Price nodded. The big Fed was broadcasting from his office on the Potomac, roughly eighty miles away in Washington, D.C. Even through the scrambled link, she could tell that Brognola was forcing the humor. The strain was visible around his eyes. It would not be the first time she had seen his image on the screen and worried for his health. Brognola drove his people hard, but he drove himself much harder.
Kurtzman rolled into position next to Price’s chair and put his heavy stainless, industrial-size coffee mug on the conference table. “It’s a mystery to me,” he said, “how the settings on that connection change from conference to conference.”
“Goes with the territory, Bear,” Price said. “The first rule of technology is that anything that can malfunction will do so just before the meeting.”
“Sounds familiar, at that,” Kurtzman grunted. The head of the Farm’s cybernetics team—not to mention a computer genius in his own right—took a long swallow from his mug of coffee.
The rest of the computer support team filed in, heralded by the dull roar from the MP3 player whose headphones were jammed into Akira Tokaido’s ears. The young Japanese computer expert was, as always, listening to heavy metal at eardrum-bursting decibel. He wore a leather jacket and an eager expression.

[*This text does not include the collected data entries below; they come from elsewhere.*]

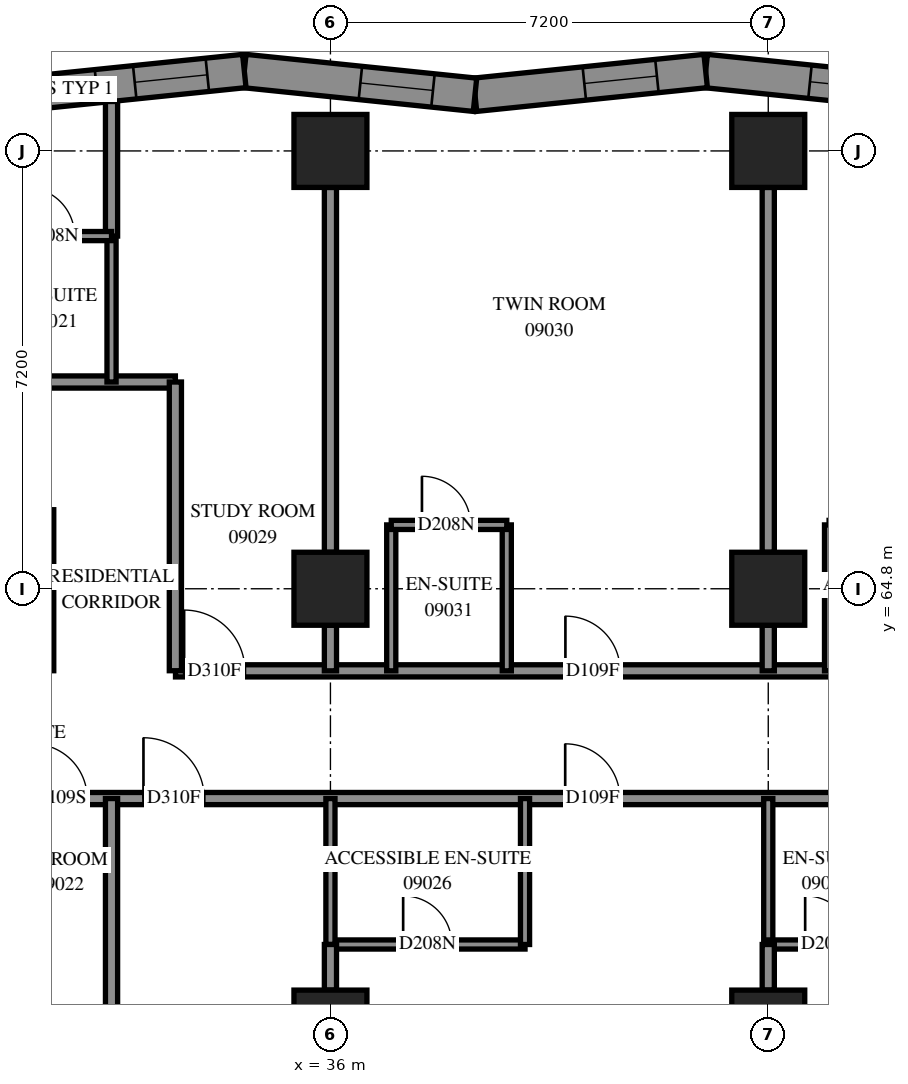
"""IFC4 building model, lengths in metres.
Left out: names, types, materials, properties, quantities, classifications, styles, units other than length and angle.
Written with IfcOpenShell. Run it as: python <this file> out.ifc"""

import sys

from ifc_helpers import new_model, si_unit, direction, frame, frame_2d, origin, origin_2d, place, context, subcontext, project, spatial, polyline, rectangle, outline, extrude, element, fill, save


model = new_model("IFC4")
c1 = context("Model", 3, precision=1e-05, world=origin(), true_north=direction((0.0, 1.0)))
c2 = subcontext(c1, "Body", "Model", "MODEL_VIEW")
j1 = project(units=[si_unit("LENGTHUNIT", "METRE"), si_unit("PLANEANGLEUNIT", "RADIAN")], contexts=[c1])
p1 = place(None, origin())
s1 = spatial("IfcSite", under=j1, at=p1, CompositionType="ELEMENT")
p2 = place(p1, origin())
s2 = spatial("IfcBuilding", under=s1, at=p2, CompositionType="ELEMENT")
p3 = place(p2, frame((0.0, 0.0, 37.2)))
s3 = spatial("IfcBuildingStorey", under=s2, at=p3, CompositionType="ELEMENT", Elevation=37.2)
for number, where, z_axis, x_axis in (
    (1, (36.0, 57.6, 0.0), (0.0, 0.0, 1.0), (1.0, 0.0, 0.0)),
    (2, (36.0, 64.8, 0.0), (0.0, 0.0, 1.0), (1.0, 0.0, 0.0)),
    (3, (36.0, 72.0, 0.0), (0.0, 0.0, 1.0), (1.0, 0.0, 0.0)),
    (4, (43.2, 57.6, 0.0), (0.0, 0.0, 1.0), (1.0, 0.0, 0.0)),
    (5, (43.2, 64.8, 0.0), (0.0, 0.0, 1.0), (1.0, 0.0, 0.0)),
    (6, (43.2, 72.0, 0.0), (0.0, 0.0, 1.0), (1.0, 0.0, 0.0)),
):
    element("IfcColumn", number, at=place(p3, frame(where, z_axis=z_axis, x_axis=x_axis)), inside=s3, PredefinedType="COLUMN", context=c2, shape_type="SweptSolid", body=[
        extrude(rectangle(XDim=1.2, YDim=1.2, at=origin_2d()), origin(), (0.0, 0.0, 1.0), 3.1),
    ])
p4 = place(p3, frame((45.965, 72.924, 0.0), z_axis=(0.0, 0.0, 1.0), x_axis=(-0.9947304076, 0.1025251975, 0.0)))
e7 = element("IfcWall", 7, at=p4, inside=s3, PredefinedType="SOLIDWALL", context=c2, shape_type="SweptSolid", body=[
    extrude(outline(polyline([(0.028, -0.275), (3.842, -0.275), (3.785, 0.275), (-0.028, 0.275), (0.028, -0.275)])), origin(), (0.0, 0.0, 1.0), 3.1),
])
p5 = place(p4, frame((0.89, 0.0, 0.5)))
e8 = element("IfcOpeningElement", 8, at=p5, cuts=e7, PredefinedType="OPENING", context=c2, shape_type="SweptSolid", body=[
    extrude(rectangle(XDim=1.2, YDim=2.45, at=frame_2d((0.6, 1.225))), frame((0.0, 0.285, 0.0), z_axis=(0.0, -1.0, 0.0), x_axis=(1.0, 0.0, 0.0)), (0.0, 0.0, 1.0), 0.57),
])
p6 = place(p3, frame((42.171, 73.314, 0.0), z_axis=(0.0, 0.0, 1.0), x_axis=(-0.9947306832, -0.1025225234, 0.0)))
e9 = element("IfcWall", 9, at=p6, inside=s3, PredefinedType="SOLIDWALL", context=c2, shape_type="SweptSolid", body=[
    extrude(outline(polyline([(-0.028, -0.275), (3.785, -0.275), (3.842, 0.275), (0.028, 0.275), (-0.028, -0.275)])), origin(), (0.0, 0.0, 1.0), 3.1),
])
p7 = place(p6, frame((0.806, 0.0, 0.5)))
e10 = element("IfcOpeningElement", 10, at=p7, cuts=e9, PredefinedType="OPENING", context=c2, shape_type="SweptSolid", body=[
    extrude(rectangle(XDim=1.2, YDim=2.45, at=frame_2d((0.6, 1.225))), frame((0.0, 0.285, 0.0), z_axis=(0.0, -1.0, 0.0), x_axis=(1.0, 0.0, 0.0)), (0.0, 0.0, 1.0), 0.57),
])
p8 = place(p3, frame((38.377, 72.924, 0.0), z_axis=(0.0, 0.0, 1.0), x_axis=(-0.9947306832, 0.1025225234, 0.0)))
e11 = element("IfcWall", 11, at=p8, inside=s3, PredefinedType="SOLIDWALL", context=c2, shape_type="SweptSolid", body=[
    extrude(outline(polyline([(0.028, -0.275), (3.842, -0.275), (3.785, 0.275), (-0.028, 0.275), (0.028, -0.275)])), origin(), (0.0, 0.0, 1.0), 3.1),
])
p9 = place(p8, frame((0.695, 0.0, 0.5)))
e12 = element("IfcOpeningElement", 12, at=p9, cuts=e11, PredefinedType="OPENING", context=c2, shape_type="SweptSolid", body=[
    extrude(rectangle(XDim=1.2, YDim=2.45, at=frame_2d((0.6, 1.225))), frame((0.0, 0.285, 0.0), z_axis=(0.0, -1.0, 0.0), x_axis=(1.0, 0.0, 0.0)), (0.0, 0.0, 1.0), 0.57),
])
p10 = place(p3, frame((34.584, 73.314, 0.0), z_axis=(0.0, 0.0, 1.0), x_axis=(-0.9947304076, -0.1025251975, 0.0)))
e13 = element("IfcWall", 13, at=p10, inside=s3, PredefinedType="SOLIDWALL", context=c2, shape_type="SweptSolid", body=[
    extrude(outline(polyline([(-0.028, -0.275), (3.785, -0.275), (3.842, 0.275), (0.028, 0.275), (-0.028, -0.275)])), origin(), (0.0, 0.0, 1.0), 3.1),
])
p11 = place(p10, frame((0.612, 0.0, 0.5)))
e14 = element("IfcOpeningElement", 14, at=p11, cuts=e13, PredefinedType="OPENING", context=c2, shape_type="SweptSolid", body=[
    extrude(rectangle(XDim=1.2, YDim=2.45, at=frame_2d((0.6, 1.225))), frame((0.0, 0.285, 0.0), z_axis=(0.0, -1.0, 0.0), x_axis=(1.0, 0.0, 0.0)), (0.0, 0.0, 1.0), 0.57),
])
p12 = place(p10, frame((2.444, 0.0, 0.45)))
e15 = element("IfcOpeningElement", 15, at=p12, cuts=e13, PredefinedType="OPENING", context=c2, shape_type="SweptSolid", body=[
    extrude(rectangle(XDim=1.0, YDim=2.5, at=frame_2d((0.5, 1.25))), frame((0.0, 0.285, 0.0), z_axis=(0.0, -1.0, 0.0), x_axis=(1.0, 0.0, 0.0)), (0.0, 0.0, 1.0), 0.57),
])
p13 = place(p3, frame((28.8, 61.35, 0.0), z_axis=(0.0, 0.0, 1.0), x_axis=(1.0, 0.0, 0.0)))
e16 = element("IfcWall", 16, at=p13, inside=s3, PredefinedType="PARTITIONING", context=c2, shape_type="SweptSolid", body=[
    extrude(rectangle(XDim=24.15, YDim=0.2, at=frame_2d((12.075, 0.0))), origin(), (0.0, 0.0, 1.0), 3.1),
])
p14 = place(p13, frame((2.3, 0.0, 0.0)))
e17 = element("IfcOpeningElement", 17, at=p14, cuts=e16, PredefinedType="OPENING", context=c2, shape_type="SweptSolid", body=[
    extrude(rectangle(XDim=0.9, YDim=2.1, at=frame_2d((0.45, 1.05))), frame((0.0, 0.11, 0.0), z_axis=(0.0, -1.0, 0.0), x_axis=(1.0, 0.0, 0.0)), (0.0, 0.0, 1.0), 0.22),
])
p15 = place(p13, frame((4.125, 0.0, 0.0)))
e18 = element("IfcOpeningElement", 18, at=p15, cuts=e16, PredefinedType="OPENING", context=c2, shape_type="SweptSolid", body=[
    extrude(rectangle(XDim=1.0, YDim=2.1, at=frame_2d((0.5, 1.05))), frame((0.0, 0.11, 0.0), z_axis=(0.0, -1.0, 0.0), x_axis=(1.0, 0.0, 0.0)), (0.0, 0.0, 1.0), 0.22),
])
p16 = place(p13, frame((11.061, 0.0, 0.0)))
e19 = element("IfcOpeningElement", 19, at=p16, cuts=e16, PredefinedType="OPENING", context=c2, shape_type="SweptSolid", body=[
    extrude(rectangle(XDim=0.9, YDim=2.1, at=frame_2d((0.45, 1.05))), frame((0.0, 0.11, 0.0), z_axis=(0.0, -1.0, 0.0), x_axis=(1.0, 0.0, 0.0)), (0.0, 0.0, 1.0), 0.22),
])
p17 = place(p13, frame((16.7, 0.0, 0.0)))
e20 = element("IfcOpeningElement", 20, at=p17, cuts=e16, PredefinedType="OPENING", context=c2, shape_type="SweptSolid", body=[
    extrude(rectangle(XDim=0.9, YDim=2.1, at=frame_2d((0.45, 1.05))), frame((0.0, 0.11, 0.0), z_axis=(0.0, -1.0, 0.0), x_axis=(1.0, 0.0, 0.0)), (0.0, 0.0, 1.0), 0.22),
])
p18 = place(p13, frame((18.508, 0.0, 0.0)))
e21 = element("IfcOpeningElement", 21, at=p18, cuts=e16, PredefinedType="OPENING", context=c2, shape_type="SweptSolid", body=[
    extrude(rectangle(XDim=1.0, YDim=2.1, at=frame_2d((0.5, 1.05))), frame((0.0, 0.11, 0.0), z_axis=(0.0, -1.0, 0.0), x_axis=(1.0, 0.0, 0.0)), (0.0, 0.0, 1.0), 0.22),
])
p19 = place(p13, frame((22.882, 0.0, 0.0)))
e22 = element("IfcOpeningElement", 22, at=p19, cuts=e16, PredefinedType="OPENING", context=c2, shape_type="SweptSolid", body=[
    extrude(rectangle(XDim=1.0, YDim=2.1, at=frame_2d((0.5, 1.05))), frame((0.0, 0.11, 0.0), z_axis=(0.0, -1.0, 0.0), x_axis=(1.0, 0.0, 0.0)), (0.0, 0.0, 1.0), 0.22),
])
p20 = place(p3, frame((33.452, 63.45, 0.0), z_axis=(0.0, 0.0, 1.0), x_axis=(1.0, 0.0, 0.0)))
e23 = element("IfcWall", 23, at=p20, inside=s3, PredefinedType="PARTITIONING", context=c2, shape_type="SweptSolid", body=[
    extrude(rectangle(XDim=21.648, YDim=0.2, at=frame_2d((10.824, 0.0))), origin(), (0.0, 0.0, 1.0), 3.1),
])
p21 = place(p20, frame((0.142, 0.0, 0.0)))
e24 = element("IfcOpeningElement", 24, at=p21, cuts=e23, PredefinedType="OPENING", context=c2, shape_type="SweptSolid", body=[
    extrude(rectangle(XDim=1.0, YDim=2.1, at=frame_2d((0.5, 1.05))), frame((0.0, 0.11, 0.0), z_axis=(0.0, -1.0, 0.0), x_axis=(1.0, 0.0, 0.0)), (0.0, 0.0, 1.0), 0.22),
])
p22 = place(p20, frame((6.412, 0.0, 0.0)))
e25 = element("IfcOpeningElement", 25, at=p22, cuts=e23, PredefinedType="OPENING", context=c2, shape_type="SweptSolid", body=[
    extrude(rectangle(XDim=0.9, YDim=2.1, at=frame_2d((0.45, 1.05))), frame((0.0, 0.11, 0.0), z_axis=(0.0, -1.0, 0.0), x_axis=(1.0, 0.0, 0.0)), (0.0, 0.0, 1.0), 0.22),
])
p23 = place(p20, frame((14.168, 0.0, 0.0)))
e26 = element("IfcOpeningElement", 26, at=p23, cuts=e23, PredefinedType="OPENING", context=c2, shape_type="SweptSolid", body=[
    extrude(rectangle(XDim=0.9, YDim=2.1, at=frame_2d((0.45, 1.05))), frame((0.0, 0.11, 0.0), z_axis=(0.0, -1.0, 0.0), x_axis=(1.0, 0.0, 0.0)), (0.0, 0.0, 1.0), 0.22),
])
p24 = place(p20, frame((17.651, 0.0, 0.0)))
e27 = element("IfcOpeningElement", 27, at=p24, cuts=e23, PredefinedType="OPENING", context=c2, shape_type="SweptSolid", body=[
    extrude(rectangle(XDim=0.9, YDim=2.1, at=frame_2d((0.45, 1.05))), frame((0.0, 0.11, 0.0), z_axis=(0.0, -1.0, 0.0), x_axis=(1.0, 0.0, 0.0)), (0.0, 0.0, 1.0), 0.22),
])
p25 = place(p3, frame((21.602, 68.2, 0.0), z_axis=(0.0, 0.0, 1.0), x_axis=(1.0, 0.0, 0.0)))
e28 = element("IfcWall", 28, at=p25, inside=s3, PredefinedType="PARTITIONING", context=c2, shape_type="SweptSolid", body=[
    extrude(rectangle(XDim=11.848, YDim=0.2, at=frame_2d((5.924, 0.0))), origin(), (0.0, 0.0, 1.0), 3.1),
])
p26 = place(p25, frame((5.855, 0.0, 0.0)))
e29 = element("IfcOpeningElement", 29, at=p26, cuts=e28, PredefinedType="OPENING", context=c2, shape_type="SweptSolid", body=[
    extrude(rectangle(XDim=0.9, YDim=2.1, at=frame_2d((0.45, 1.05))), frame((0.0, 0.11, 0.0), z_axis=(0.0, -1.0, 0.0), x_axis=(1.0, 0.0, 0.0)), (0.0, 0.0, 1.0), 0.22),
])
for number, where, z_axis, x_axis in (
    (30, (36.0, 65.4, 0.0), (0.0, 0.0, 1.0), (0.0, 1.0, 0.0)),
    (31, (43.2, 65.4, 0.0), (0.0, 0.0, 1.0), (0.0, 1.0, 0.0)),
):
    element("IfcWall", number, at=place(p3, frame(where, z_axis=z_axis, x_axis=x_axis)), inside=s3, PredefinedType="PARTITIONING", context=c2, shape_type="SweptSolid", body=[
        extrude(rectangle(XDim=6.0, YDim=0.2, at=frame_2d((3.0, 0.0))), origin(), (0.0, 0.0, 1.0), 3.1),
    ])
p27 = place(p3, frame((33.45, 63.452, 0.0), z_axis=(0.0, 0.0, 1.0), x_axis=(0.0, 1.0, 0.0)))
e32 = element("IfcWall", 32, at=p27, inside=s3, PredefinedType="PARTITIONING", context=c2, shape_type="SweptSolid", body=[
    extrude(rectangle(XDim=4.748, YDim=0.2, at=frame_2d((2.374, 0.0))), origin(), (0.0, 0.0, 1.0), 3.1),
])
p28 = place(p3, frame((32.4, 56.95, 0.0), z_axis=(0.0, 0.0, 1.0), x_axis=(0.0, 1.0, 0.0)))
e33 = element("IfcWall", 33, at=p28, inside=s3, PredefinedType="PARTITIONING", context=c2, shape_type="SweptSolid", body=[
    extrude(rectangle(XDim=4.4, YDim=0.2, at=frame_2d((2.2, 0.0))), origin(), (0.0, 0.0, 1.0), 3.1),
])
p29 = place(p3, frame((36.0, 58.95, 0.0), z_axis=(0.0, 0.0, 1.0), x_axis=(1.0, 0.0, 0.0)))
e34 = element("IfcWall", 34, at=p29, inside=s3, PredefinedType="PARTITIONING", context=c2, shape_type="SweptSolid", body=[
    extrude(rectangle(XDim=3.2, YDim=0.15, at=frame_2d((1.6, 0.0))), origin(), (0.0, 0.0, 1.0), 3.1),
])
p30 = place(p29, frame((1.196, 0.0, 0.0)))
e35 = element("IfcOpeningElement", 35, at=p30, cuts=e34, PredefinedType="OPENING", context=c2, shape_type="SweptSolid", body=[
    extrude(rectangle(XDim=0.8, YDim=2.1, at=frame_2d((0.4, 1.05))), frame((0.0, 0.085, 0.0), z_axis=(0.0, -1.0, 0.0), x_axis=(1.0, 0.0, 0.0)), (0.0, 0.0, 1.0), 0.17),
])
p31 = place(p3, frame((31.35, 63.452, 0.0), z_axis=(0.0, 0.0, 1.0), x_axis=(0.0, 1.0, 0.0)))
e36 = element("IfcWall", 36, at=p31, inside=s3, PredefinedType="PARTITIONING", context=c2, shape_type="SweptSolid", body=[
    extrude(rectangle(XDim=2.648, YDim=0.2, at=frame_2d((1.324, 0.0))), origin(), (0.0, 0.0, 1.0), 3.1),
])
for number, where, z_axis, x_axis in (
    (37, (39.2, 58.95, 0.0), (0.0, 0.0, 1.0), (0.0, 1.0, 0.0)),
    (38, (36.0, 58.95, 0.0), (0.0, 0.0, 1.0), (0.0, 1.0, 0.0)),
    (39, (43.2, 58.95, 0.0), (0.0, 0.0, 1.0), (0.0, 1.0, 0.0)),
    (40, (32.4, 68.2, 0.0), (0.0, 0.0, 1.0), (0.0, 1.0, 0.0)),
    (41, (37.0, 63.45, 0.0), (0.0, 0.0, 1.0), (0.0, 1.0, 0.0)),
    (42, (38.9, 63.45, 0.0), (0.0, 0.0, 1.0), (0.0, 1.0, 0.0)),
    (43, (44.2, 63.45, 0.0), (0.0, 0.0, 1.0), (0.0, 1.0, 0.0)),
):
    element("IfcWall", number, at=place(p3, frame(where, z_axis=z_axis, x_axis=x_axis)), inside=s3, PredefinedType="PARTITIONING", context=c2, shape_type="SweptSolid", body=[
        extrude(rectangle(XDim=2.4, YDim=0.15, at=frame_2d((1.2, 0.0))), origin(), (0.0, 0.0, 1.0), 3.1),
    ])
p32 = place(p3, frame((32.4, 70.6, 0.0), z_axis=(0.0, 0.0, 1.0), x_axis=(0.0, 1.0, 0.0)))
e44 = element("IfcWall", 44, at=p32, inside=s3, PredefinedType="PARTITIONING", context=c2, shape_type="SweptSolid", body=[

After Tokaido was Carmen Delahunt, who looked unusually somber this morning. Price knew why; the normally vivacious redhead was formerly with the FBI. She was speaking in hushed tones with fellow cybernetics team member Huntington “Hunt” Wethers. The refined, graying black man said something to which Delahunt only nodded. The pair took seats on either side of Akira, making way for the personnel crowding the corridor behind them.